Vermutlich beides. Mit der Außendarstellung ist das eben so eine Sache. So hat auch die österreichische XXXLutz Gruppe ihre Image-Probleme. Und versucht es mit einer Interview-Offensive.

„Ich würde einiges anders machen“, sagte beispielsweise Alois Kobler, „Deutschlandchef der XXXL-Unternehmensgruppe“ in einem Rheinpfalz-Interview zu den Vorgängen am Standort Mannheim, wo im Februar dieses Jahres 99 Logistik-Mitarbeiter vor die Tür gesetzt worden waren.

Und erklärt wortreich, dass es zweierlei Sicht der Dinge gibt. Dass es „bis zu 300 Anhörungen des Betriebsrats zu Details des Arbeitsablaufs“ gegeben habe in der Mannheimer Logistik. Kobler: „Ich als Führungskraft muss jede Versetzung beim Betriebsrat anhören lassen, der muss tagen und zustimmen oder nicht.“ Und: „Wir wollten kein Personal abbauen, wir wollten weder mehr noch weniger zahlen. Wir wollten nur einen vernünftigen Arbeitsablauf mit einer gewissen Flexibilität bei der täglichen Organisation.“

Räumt aber auch ein: „Wir hätten besser kommunizieren müssen.
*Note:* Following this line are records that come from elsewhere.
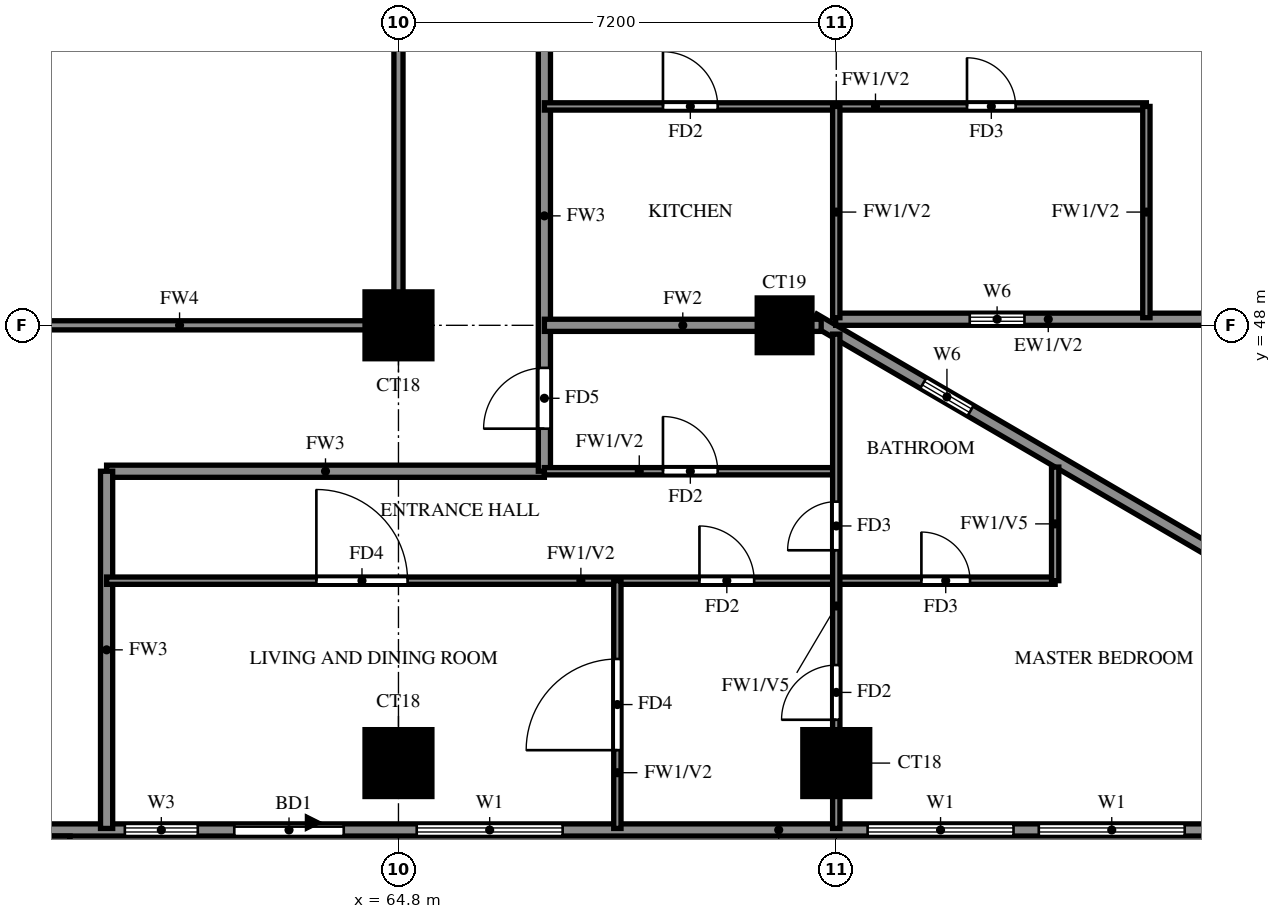
"""IFC4 building model, lengths in metres.
Left out: names, types, materials, properties, quantities, classifications, styles, units other than length and angle.
Written with IfcOpenShell. Run it as: python <this file> out.ifc"""

import sys

from ifc_helpers import new_model, si_unit, direction, frame, frame_2d, origin, origin_2d, place, context, subcontext, project, spatial, rectangle, extrude, source, transform, mapped, element, fill, save


model = new_model("IFC4")
c1 = context("Model", 3, precision=1e-05, world=origin(), true_north=direction((0.0, 1.0)))
c2 = subcontext(c1, "Body", "Model", "MODEL_VIEW")
j1 = project(units=[si_unit("LENGTHUNIT", "METRE"), si_unit("PLANEANGLEUNIT", "RADIAN")], contexts=[c1])
p1 = place(None, origin())
s1 = spatial("IfcSite", under=j1, at=p1, CompositionType="ELEMENT")
p2 = place(p1, origin())
s2 = spatial("IfcBuilding", under=s1, at=p2, CompositionType="ELEMENT")
p3 = place(p2, frame((0.0, 0.0, 113.0)))
s3 = spatial("IfcBuildingStorey", under=s2, at=p3, CompositionType="ELEMENT", Elevation=113.0)
m1 = source(origin(), c2, "Body", "SweptSolid", [
    extrude(rectangle(XDim=1.1, YDim=1.1, at=origin_2d()), origin(), (0.0, 0.0, 1.0), 3.2),
])
for number, where, z_axis, x_axis in (
    (1, (64.8, 40.8, 0.0), (0.0, 0.0, 1.0), (1.0, 0.0, 0.0)),
    (2, (72.0, 40.8, 0.0), (0.0, 0.0, 1.0), (1.0, 0.0, 0.0)),
    (3, (64.8, 48.0, 0.0), (0.0, 0.0, 1.0), (1.0, 0.0, 0.0)),
):
    element("IfcColumn", number, at=place(p3, frame(where, z_axis=z_axis, x_axis=x_axis)), inside=s3, PredefinedType="COLUMN", context=c2, shape_type="MappedRepresentation", body=[
        mapped(m1, transform((0.0, 0.0, 0.0))),
    ])
m2 = source(origin(), c2, "Body", "SweptSolid", [
    extrude(rectangle(XDim=0.9, YDim=0.9, at=origin_2d()), origin(), (0.0, 0.0, 1.0), 3.2),
])
p4 = place(p3, frame((71.15, 48.0, 0.0), z_axis=(0.0, 0.0, 1.0), x_axis=(1.0, 0.0, 0.0)))
e4 = element("IfcColumn", 4, at=p4, inside=s3, PredefinedType="COLUMN", context=c2, shape_type="MappedRepresentation", body=[
    mapped(m2, transform((0.0, 0.0, 0.0))),
])
p5 = place(p3, frame((85.719, 39.881, 0.0), z_axis=(0.0, 0.0, 1.0), x_axis=(-0.86377618652, 0.503875678716, 0.0)))
e5 = element("IfcWall", 5, at=p5, inside=s3, PredefinedType="SOLIDWALL", context=c2, shape_type="SweptSolid", body=[
    extrude(rectangle(XDim=16.311, YDim=0.2, at=frame_2d((8.156, 0.0))), origin(), (0.0, 0.0, 1.0), 3.2),
])
p6 = place(p5, frame((13.326, 0.0, 1.5)))
e6 = element("IfcOpeningElement", 6, at=p6, cuts=e5, PredefinedType="OPENING", context=c2, shape_type="SweptSolid", body=[
    extrude(rectangle(XDim=0.9, YDim=0.9, at=frame_2d((0.45, 0.45))), frame((0.0, 0.11, 0.0), z_axis=(0.0, -1.0, 0.0), x_axis=(1.0, 0.0, 0.0)), (0.0, 0.0, 1.0), 0.22),
])
p7 = place(p3, frame((71.99, 48.1, 0.0), z_axis=(0.0, 0.0, 1.0), x_axis=(1.0, 0.0, 0.0)))
e7 = element("IfcWall", 7, at=p7, inside=s3, PredefinedType="SOLIDWALL", context=c2, shape_type="SweptSolid", body=[
    extrude(rectangle(XDim=6.66, YDim=0.2, at=frame_2d((3.33, 0.0))), origin(), (0.0, 0.0, 1.0), 3.2),
])
p8 = place(p7, frame((2.205, 0.0, 1.5)))
e8 = element("IfcOpeningElement", 8, at=p8, cuts=e7, PredefinedType="OPENING", context=c2, shape_type="SweptSolid", body=[
    extrude(rectangle(XDim=0.9, YDim=0.9, at=frame_2d((0.45, 0.45))), frame((0.0, 0.11, 0.0), z_axis=(0.0, -1.0, 0.0), x_axis=(1.0, 0.0, 0.0)), (0.0, 0.0, 1.0), 0.22),
])
p9 = place(p3, frame((58.8, 39.7, 0.0), z_axis=(0.0, 0.0, 1.0), x_axis=(1.0, 0.0, 0.0)))
e9 = element("IfcWall", 9, at=p9, inside=s3, PredefinedType="SOLIDWALL", context=c2, shape_type="SweptSolid", body=[
    extrude(rectangle(XDim=27.23, YDim=0.2, at=frame_2d((13.615, 0.0))), origin(), (0.0, 0.0, 1.0), 3.2),
])
p10 = place(p9, frame((3.3, 0.0, 0.0)))
e10 = element("IfcOpeningElement", 10, at=p10, cuts=e9, PredefinedType="OPENING", context=c2, shape_type="SweptSolid", body=[
    extrude(rectangle(XDim=1.8, YDim=2.4, at=frame_2d((0.9, 1.2))), frame((0.0, 0.11, 0.0), z_axis=(0.0, -1.0, 0.0), x_axis=(1.0, 0.0, 0.0)), (0.0, 0.0, 1.0), 0.22),
])
p11 = place(p9, frame((1.5, 0.0, 0.6)))
e11 = element("IfcOpeningElement", 11, at=p11, cuts=e9, PredefinedType="OPENING", context=c2, shape_type="SweptSolid", body=[
    extrude(rectangle(XDim=1.2, YDim=2.4, at=frame_2d((0.6, 1.2))), frame((0.0, 0.11, 0.0), z_axis=(0.0, -1.0, 0.0), x_axis=(1.0, 0.0, 0.0)), (0.0, 0.0, 1.0), 0.22),
])
p12 = place(p9, frame((6.3, 0.0, 0.6)))
e12 = element("IfcOpeningElement", 12, at=p12, cuts=e9, PredefinedType="OPENING", context=c2, shape_type="SweptSolid", body=[
    extrude(rectangle(XDim=2.4, YDim=2.4, at=frame_2d((1.2, 1.2))), frame((0.0, 0.11, 0.0), z_axis=(0.0, -1.0, 0.0), x_axis=(1.0, 0.0, 0.0)), (0.0, 0.0, 1.0), 0.22),
])
p13 = place(p9, frame((13.715, 0.0, 0.6)))
e13 = element("IfcOpeningElement", 13, at=p13, cuts=e9, PredefinedType="OPENING", context=c2, shape_type="SweptSolid", body=[
    extrude(rectangle(XDim=2.4, YDim=2.4, at=frame_2d((1.2, 1.2))), frame((0.0, 0.11, 0.0), z_axis=(0.0, -1.0, 0.0), x_axis=(1.0, 0.0, 0.0)), (0.0, 0.0, 1.0), 0.22),
])
p14 = place(p9, frame((16.531, 0.0, 0.6)))
e14 = element("IfcOpeningElement", 14, at=p14, cuts=e9, PredefinedType="OPENING", context=c2, shape_type="SweptSolid", body=[
    extrude(rectangle(XDim=2.4, YDim=2.4, at=frame_2d((1.2, 1.2))), frame((0.0, 0.11, 0.0), z_axis=(0.0, -1.0, 0.0), x_axis=(1.0, 0.0, 0.0)), (0.0, 0.0, 1.0), 0.22),
])
p15 = place(p9, frame((19.346, 0.0, 0.6)))
e15 = element("IfcOpeningElement", 15, at=p15, cuts=e9, PredefinedType="OPENING", context=c2, shape_type="SweptSolid", body=[
    extrude(rectangle(XDim=2.4, YDim=2.4, at=frame_2d((1.2, 1.2))), frame((0.0, 0.11, 0.0), z_axis=(0.0, -1.0, 0.0), x_axis=(1.0, 0.0, 0.0)), (0.0, 0.0, 1.0), 0.22),
])
p16 = place(p9, frame((22.161, 0.0, 0.6)))
e16 = element("IfcOpeningElement", 16, at=p16, cuts=e9, PredefinedType="OPENING", context=c2, shape_type="SweptSolid", body=[
    extrude(rectangle(XDim=2.4, YDim=2.4, at=frame_2d((1.2, 1.2))), frame((0.0, 0.11, 0.0), z_axis=(0.0, -1.0, 0.0), x_axis=(1.0, 0.0, 0.0)), (0.0, 0.0, 1.0), 0.22),
])
p17 = place(p9, frame((26.003, 0.0, 0.6)))
e17 = element("IfcOpeningElement", 17, at=p17, cuts=e9, PredefinedType="OPENING", context=c2, shape_type="SweptSolid", body=[
    extrude(rectangle(XDim=0.9, YDim=2.4, at=frame_2d((0.45, 1.2))), frame((0.0, 0.11, 0.0), z_axis=(0.0, -1.0, 0.0), x_axis=(1.0, 0.0, 0.0)), (0.0, 0.0, 1.0), 0.22),
])
p18 = place(p3, frame((58.5, 37.2, 0.0), z_axis=(0.0, 0.0, 1.0), x_axis=(0.0, 1.0, 0.0)))
e18 = element("IfcWall", 18, at=p18, inside=s3, PredefinedType="SOLIDWALL", context=c2, shape_type="SweptSolid", body=[
    extrude(rectangle(XDim=2.4, YDim=1.8, at=frame_2d((1.2, 0.0))), origin(), (0.0, 0.0, 1.0), 3.2),
])
p19 = place(p3, frame((60.0, 45.6, 0.0), z_axis=(0.0, 0.0, 1.0), x_axis=(1.0, 0.0, 0.0)))
e19 = element("IfcWall", 19, at=p19, inside=s3, PredefinedType="SOLIDWALL", context=c2, shape_type="SweptSolid", body=[
    extrude(rectangle(XDim=7.2, YDim=0.2, at=frame_2d((3.6, 0.0))), origin(), (0.0, 0.0, 1.0), 3.2),
])
p20 = place(p3, frame((60.0, 39.725, 0.0), z_axis=(0.0, 0.0, 1.0), x_axis=(0.0, 1.0, 0.0)))
e20 = element("IfcWall", 20, at=p20, inside=s3, PredefinedType="SOLIDWALL", context=c2, shape_type="SweptSolid", body=[
    extrude(rectangle(XDim=5.875, YDim=0.2, at=frame_2d((2.938, 0.0))), origin(), (0.0, 0.0, 1.0), 3.2),
])
p21 = place(p3, frame((67.2, 45.6, 0.0), z_axis=(0.0, 0.0, 1.0), x_axis=(0.0, 1.0, 0.0)))
e21 = element("IfcWall", 21, at=p21, inside=s3, PredefinedType="SOLIDWALL", context=c2, shape_type="SweptSolid", body=[
    extrude(rectangle(XDim=8.4, YDim=0.2, at=frame_2d((4.2, 0.0))), origin(), (0.0, 0.0, 1.0), 3.2),
])
p22 = place(p21, frame((0.7, 0.0, 0.0)))
e22 = element("IfcOpeningElement", 22, at=p22, cuts=e21, PredefinedType="OPENING", context=c2, shape_type="SweptSolid", body=[
    extrude(rectangle(XDim=1.0, YDim=2.1, at=frame_2d((0.5, 1.05))), frame((0.0, 0.11, 0.0), z_axis=(0.0, -1.0, 0.0), x_axis=(1.0, 0.0, 0.0)), (0.0, 0.0, 1.0), 0.22),
])
p23 = place(p3, frame((67.2, 48.0, 0.0), z_axis=(0.0, 0.0, 1.0), x_axis=(1.0, 0.0, 0.0)))
e23 = element("IfcWall", 23, at=p23, inside=s3, PredefinedType="SOLIDWALL", context=c2, shape_type="SweptSolid", body=[
    extrude(rectangle(XDim=4.552, YDim=0.2, at=frame_2d((2.276, 0.0))), origin(), (0.0, 0.0, 1.0), 3.2),
])
p24 = place(p3, frame((60.0, 43.8, 0.0), z_axis=(0.0, 0.0, 1.0), x_axis=(1.0, 0.0, 0.0)))
e24 = element("IfcWall", 24, at=p24, inside=s3, PredefinedType="PARTITIONING", context=c2, shape_type="SweptSolid", body=[
    extrude(rectangle(XDim=15.6, YDim=0.12, at=frame_2d((7.8, 0.0))), origin(), (0.0, 0.0, 1.0), 3.2),
])
p25 = place(p24, frame((9.75, 0.0, 0.0)))
e25 = element("IfcOpeningElement", 25, at=p25, cuts=e24, PredefinedType="OPENING", context=c2, shape_type="SweptSolid", body=[
    extrude(rectangle(XDim=0.9, YDim=2.1, at=frame_2d((0.45, 1.05))), frame((0.0, 0.07, 0.0), z_axis=(0.0, -1.0, 0.0), x_axis=(1.0, 0.0, 0.0)), (0.0, 0.0, 1.0), 0.14),
])
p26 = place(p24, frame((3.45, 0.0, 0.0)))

Wenn wir den Leuten vom ersten Tag an gesagt hätten – der Presse, den Mitarbeitern – was wir da gemacht haben und warum, dann hätten wir diese negative Presse nicht bekommen. Das muss ich mir im Nachhinein vorwerfen. Das werden wir zukünftig auch besser machen. Wir haben daraus gelernt.“

Und der österreichische XXXLutz-Sprecher Thomas Saliger hat in der letzten Woche ohne Bezug auf Mannheim in einem Interview des Online Portals „Salzburg Fenster“ festgestellt: „Das war ein kurzer Moment, in dem wir aber offensiv vorgegangen sind. Wir setzten uns sofort mit der Gewerkschaft zusammen und räumten Differenzen aus. Da geht es ja oft um die Interpretation von Gesetzen. Da lernte ich Gewerkschafter kennen, die kämpfen für ihre Sache, mit denen kann man aber reden. Die sind auch lösungsorientiert.“ Die Frage war: „Lutz war vor Jahren stark in der Kritik, weil sich Mitarbeiter über Arbeitsbedingungen beschwerten.“

Alles halb so wild offenbar. Und alles eine Frage der Kommunikationsstrategie. „Thomas, willst Du mich verarschen?“ Das hat in dem Interview aber niemand gefragt.